Eines Ihrer Idole, den italienischen Giallo-Filmer Dario Argento („Suspiria“), besetzten Sie auch als eine der beiden Hauptfiguren in Ihrem neuen Film.

Ich blickte immer ein bisschen neidisch auf Filmemacher, die es geschafft hatten, andere Regiekollegen als Darsteller vor die Kamera zu holen. Jean-Luc Godard hatte Fritz Lang in „Die Verachtung“ besetzt, Billy Wilder zuvor Erich von Stroheim in „Boulevard der Dämmerung“, Pasolini drehte einen Film mit Orson Welles. Ich träumte schon lange davon, einmal mit Dario zu drehen.

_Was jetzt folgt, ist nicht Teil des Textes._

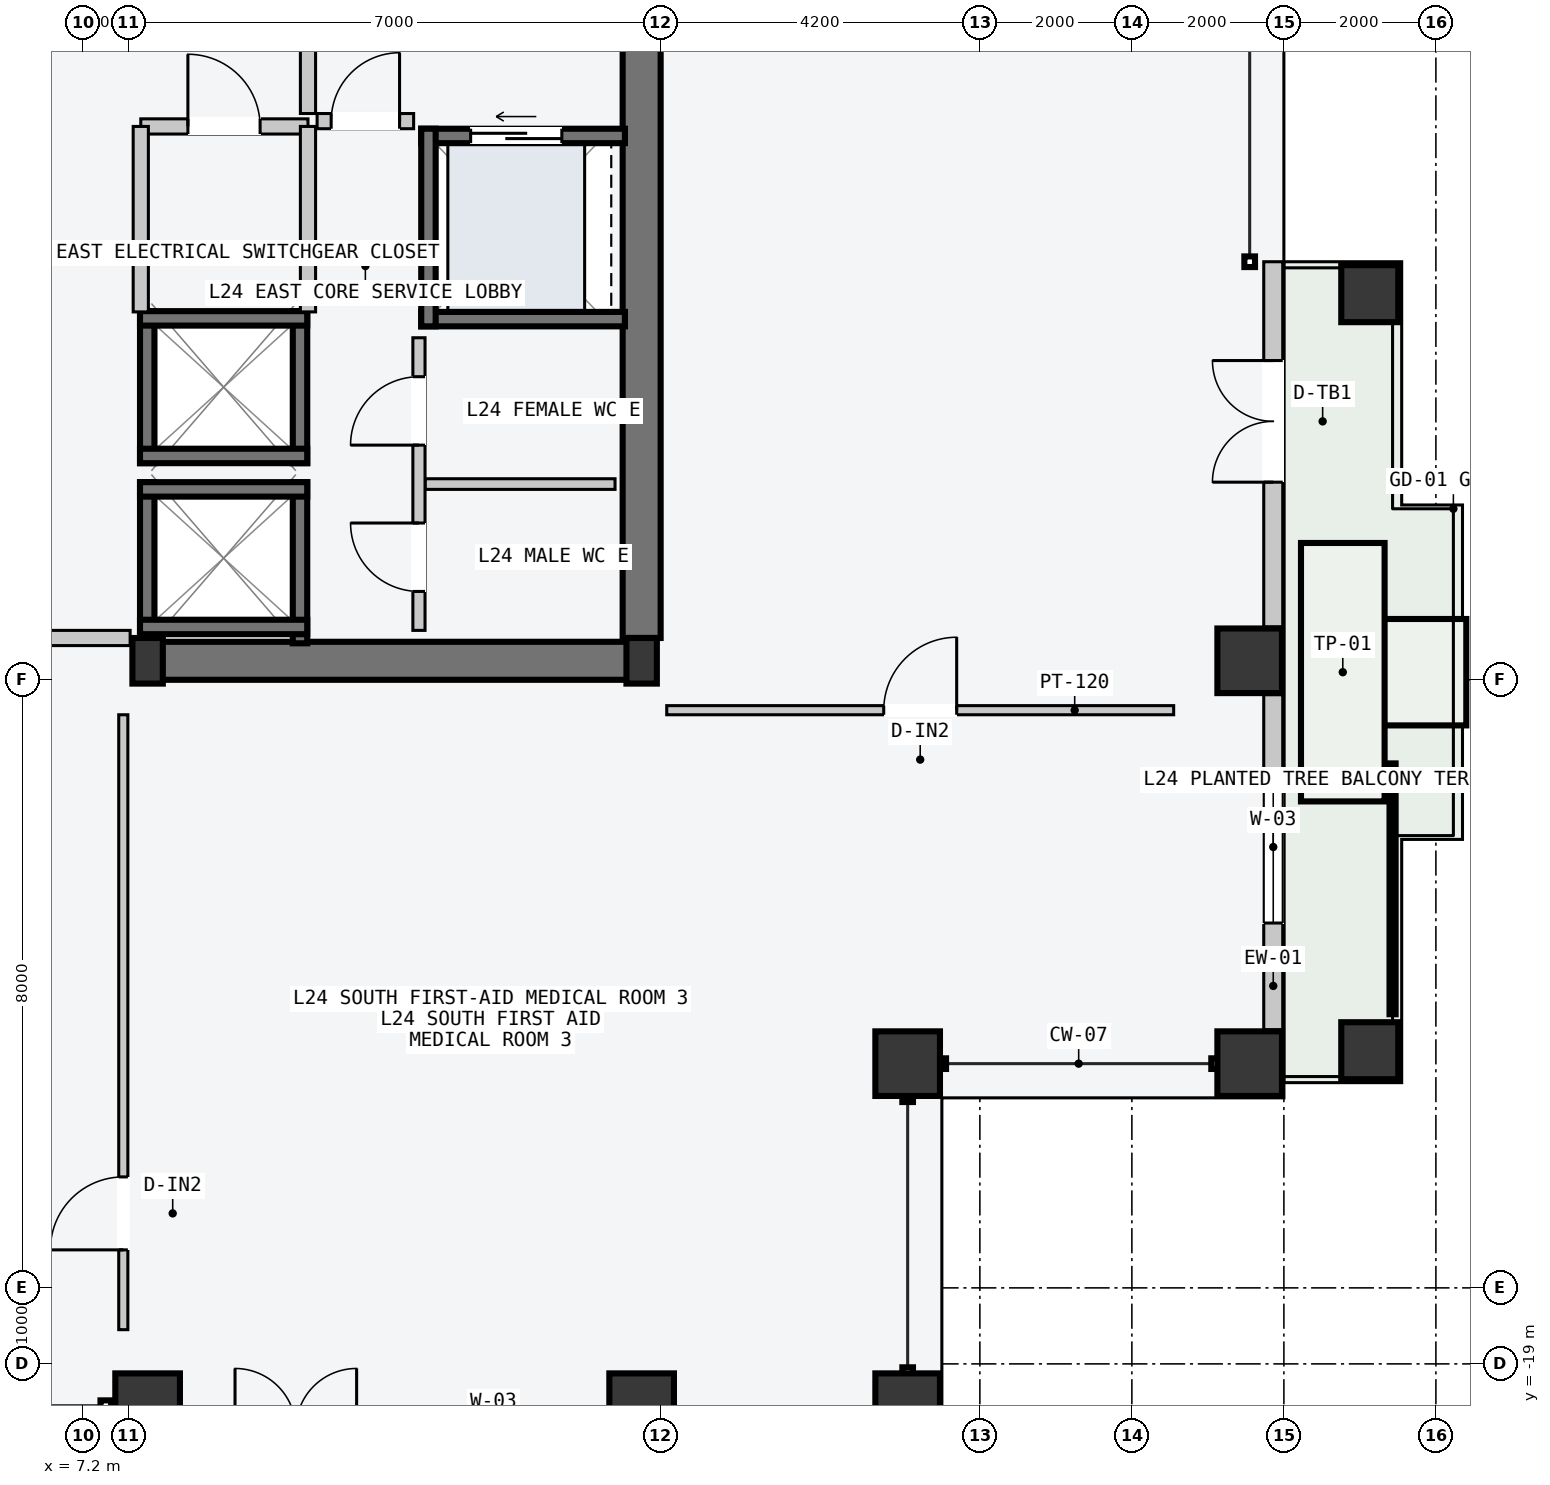
"""IFC4 building model, lengths in metres.
Left out: names, types, materials, properties, quantities, classifications, styles, units other than length and angle.
Written with IfcOpenShell. Run it as: python <this file> out.ifc"""

import sys

from ifc_helpers import new_model, si_unit, direction, frame, frame_2d, origin, origin_2d, place, context, subcontext, project, spatial, rectangle, hollow_rectangle, i_section, extrude, element, fill, save


model = new_model("IFC4")
c1 = context("Model", 3, precision=1e-05, world=origin(), true_north=direction((0.0, 1.0)))
c2 = subcontext(c1, "Body", "Model", "MODEL_VIEW")
j1 = project(units=[si_unit("LENGTHUNIT", "METRE"), si_unit("PLANEANGLEUNIT", "RADIAN")], contexts=[c1])
p1 = place(None, origin())
s1 = spatial("IfcSite", under=j1, at=p1, CompositionType="ELEMENT")
p2 = place(p1, origin())
s2 = spatial("IfcBuilding", under=s1, at=p2, CompositionType="ELEMENT")
p3 = place(p2, frame((0.0, 0.0, 95.4)))
s3 = spatial("IfcBuildingStorey", under=s2, at=p3, CompositionType="ELEMENT", Elevation=95.4)
p4 = place(p3, frame((8.07, -9.75, -0.2), z_axis=(0.0, 0.0, 1.0), x_axis=(1.0, 0.0, 0.0)))
e1 = element("IfcWall", 1, at=p4, inside=s3, PredefinedType="SHEAR", context=c2, shape_type="SweptSolid", body=[
    extrude(rectangle(XDim=6.46, YDim=0.5, at=frame_2d((3.23, 0.0))), origin(), (0.0, 0.0, 1.0), 3.6),
])
p5 = place(p3, frame((14.55, -9.45, -0.2), z_axis=(0.0, 0.0, 1.0), x_axis=(0.0, 1.0, 0.0)))
e2 = element("IfcWall", 2, at=p5, inside=s3, PredefinedType="SHEAR", context=c2, shape_type="SweptSolid", body=[
    extrude(rectangle(XDim=9.15, YDim=0.5, at=frame_2d((4.575, 0.0))), origin(), (0.0, 0.0, 1.0), 3.6),
])
for number, where, z_axis, x_axis in (
    (3, (8.05, -9.75, 0.0), (0.0, 0.0, 1.0), (1.0, 0.0, 0.0)),
    (4, (14.55, -9.75, 0.0), (0.0, 0.0, 1.0), (1.0, 0.0, 0.0)),
):
    element("IfcColumn", number, at=place(p3, frame(where, z_axis=z_axis, x_axis=x_axis)), inside=s3, PredefinedType="COLUMN", context=c2, shape_type="SweptSolid", body=[
        extrude(i_section(OverallWidth=0.4, OverallDepth=0.6, WebThickness=0.022, FlangeThickness=0.036, at=origin_2d()), origin(), (0.0, 0.0, 1.0), 3.6),
    ])
for number, where, z_axis, x_axis in (
    (5, (8.05, -19.55, 0.0), (0.0, 0.0, 1.0), (1.0, 0.0, 0.0)),
    (6, (14.55, -19.55, 0.0), (0.0, 0.0, 1.0), (1.0, 0.0, 0.0)),
    (7, (18.05, -19.55, 0.0), (0.0, 0.0, 1.0), (1.0, 0.0, 0.0)),
    (8, (22.55, -15.05, 0.0), (0.0, 0.0, 1.0), (0.0, 1.0, 0.0)),
    (9, (22.55, -9.75, 0.0), (0.0, 0.0, 1.0), (0.0, 1.0, 0.0)),
    (10, (18.05, -15.05, 0.0), (0.0, 0.0, 1.0), (1.0, 0.0, 0.0)),
):
    element("IfcColumn", number, at=place(p3, frame(where, z_axis=z_axis, x_axis=x_axis)), inside=s3, PredefinedType="COLUMN", context=c2, shape_type="SweptSolid", body=[
        extrude(hollow_rectangle(XDim=0.85, YDim=0.85, WallThickness=0.04, at=origin_2d()), origin(), (0.0, 0.0, 1.0), 3.6),
    ])
for number, where, z_axis, x_axis in (
    (11, (24.13, -14.88, -0.2), (0.0, 0.0, 1.0), (0.0, 1.0, 0.0)),
    (12, (24.13, -4.92, -0.2), (0.0, 0.0, 1.0), (0.0, 1.0, 0.0)),
):
    element("IfcColumn", number, at=place(p3, frame(where, z_axis=z_axis, x_axis=x_axis)), inside=s3, PredefinedType="COLUMN", context=c2, shape_type="SweptSolid", body=[
        extrude(hollow_rectangle(XDim=0.75, YDim=0.75, WallThickness=0.032, at=origin_2d()), origin(), (0.0, 0.0, 1.0), 3.8),
    ])
p6 = place(p3, frame((22.86, -14.605, 0.0), z_axis=(0.0, 0.0, 1.0), x_axis=(0.0, 1.0, 0.0)))
e13 = element("IfcWall", 13, at=p6, inside=s3, PredefinedType="STANDARD", context=c2, shape_type="SweptSolid", body=[
    extrude(rectangle(XDim=4.41, YDim=0.25, at=frame_2d((2.205, 0.0))), origin(), (0.0, 0.0, 1.0), 3.4),
])
p7 = place(p6, frame((1.405, 0.0, 0.85)))
e14 = element("IfcOpeningElement", 14, at=p7, cuts=e13, PredefinedType="OPENING", context=c2, shape_type="SweptSolid", body=[
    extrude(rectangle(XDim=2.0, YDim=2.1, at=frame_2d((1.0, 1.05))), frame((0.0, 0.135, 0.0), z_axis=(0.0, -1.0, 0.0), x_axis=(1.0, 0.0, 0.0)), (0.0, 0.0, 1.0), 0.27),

Warum ausgerechnet mit ihm?

Ich lernte Dario vor etwa 30 Jahren kennen, als ich beim Toronto-Filmfest meinen ersten 40-Minüter „Carne“ vorstellte. Dario war begeistert davon und wollte mich bei der Produktion meines ersten Langfilms unterstützen. Daraus ist dann zwar nichts geworden, aber wir freundeten uns an. Mir fiel immer wieder auf, wie charismatisch er ist, wenn er seine Filme vorstellt oder Interviews gibt. Er ist ein geborener Entertainer und Comedian, er weiß sein Publikum zu begeistern. Umso mehr überraschte es mich, dass ihn vor mir noch nie jemand gefragt hat, in einem Film mitzuspielen. Nur in seinen eigenen Filmen war er bislang zu sehen. Oder besser gesagt: seine Hände. Wenn ein Mord geschieht, eine Frau stranguliert oder erstochen wird, ist meist Dario selbst am Werk.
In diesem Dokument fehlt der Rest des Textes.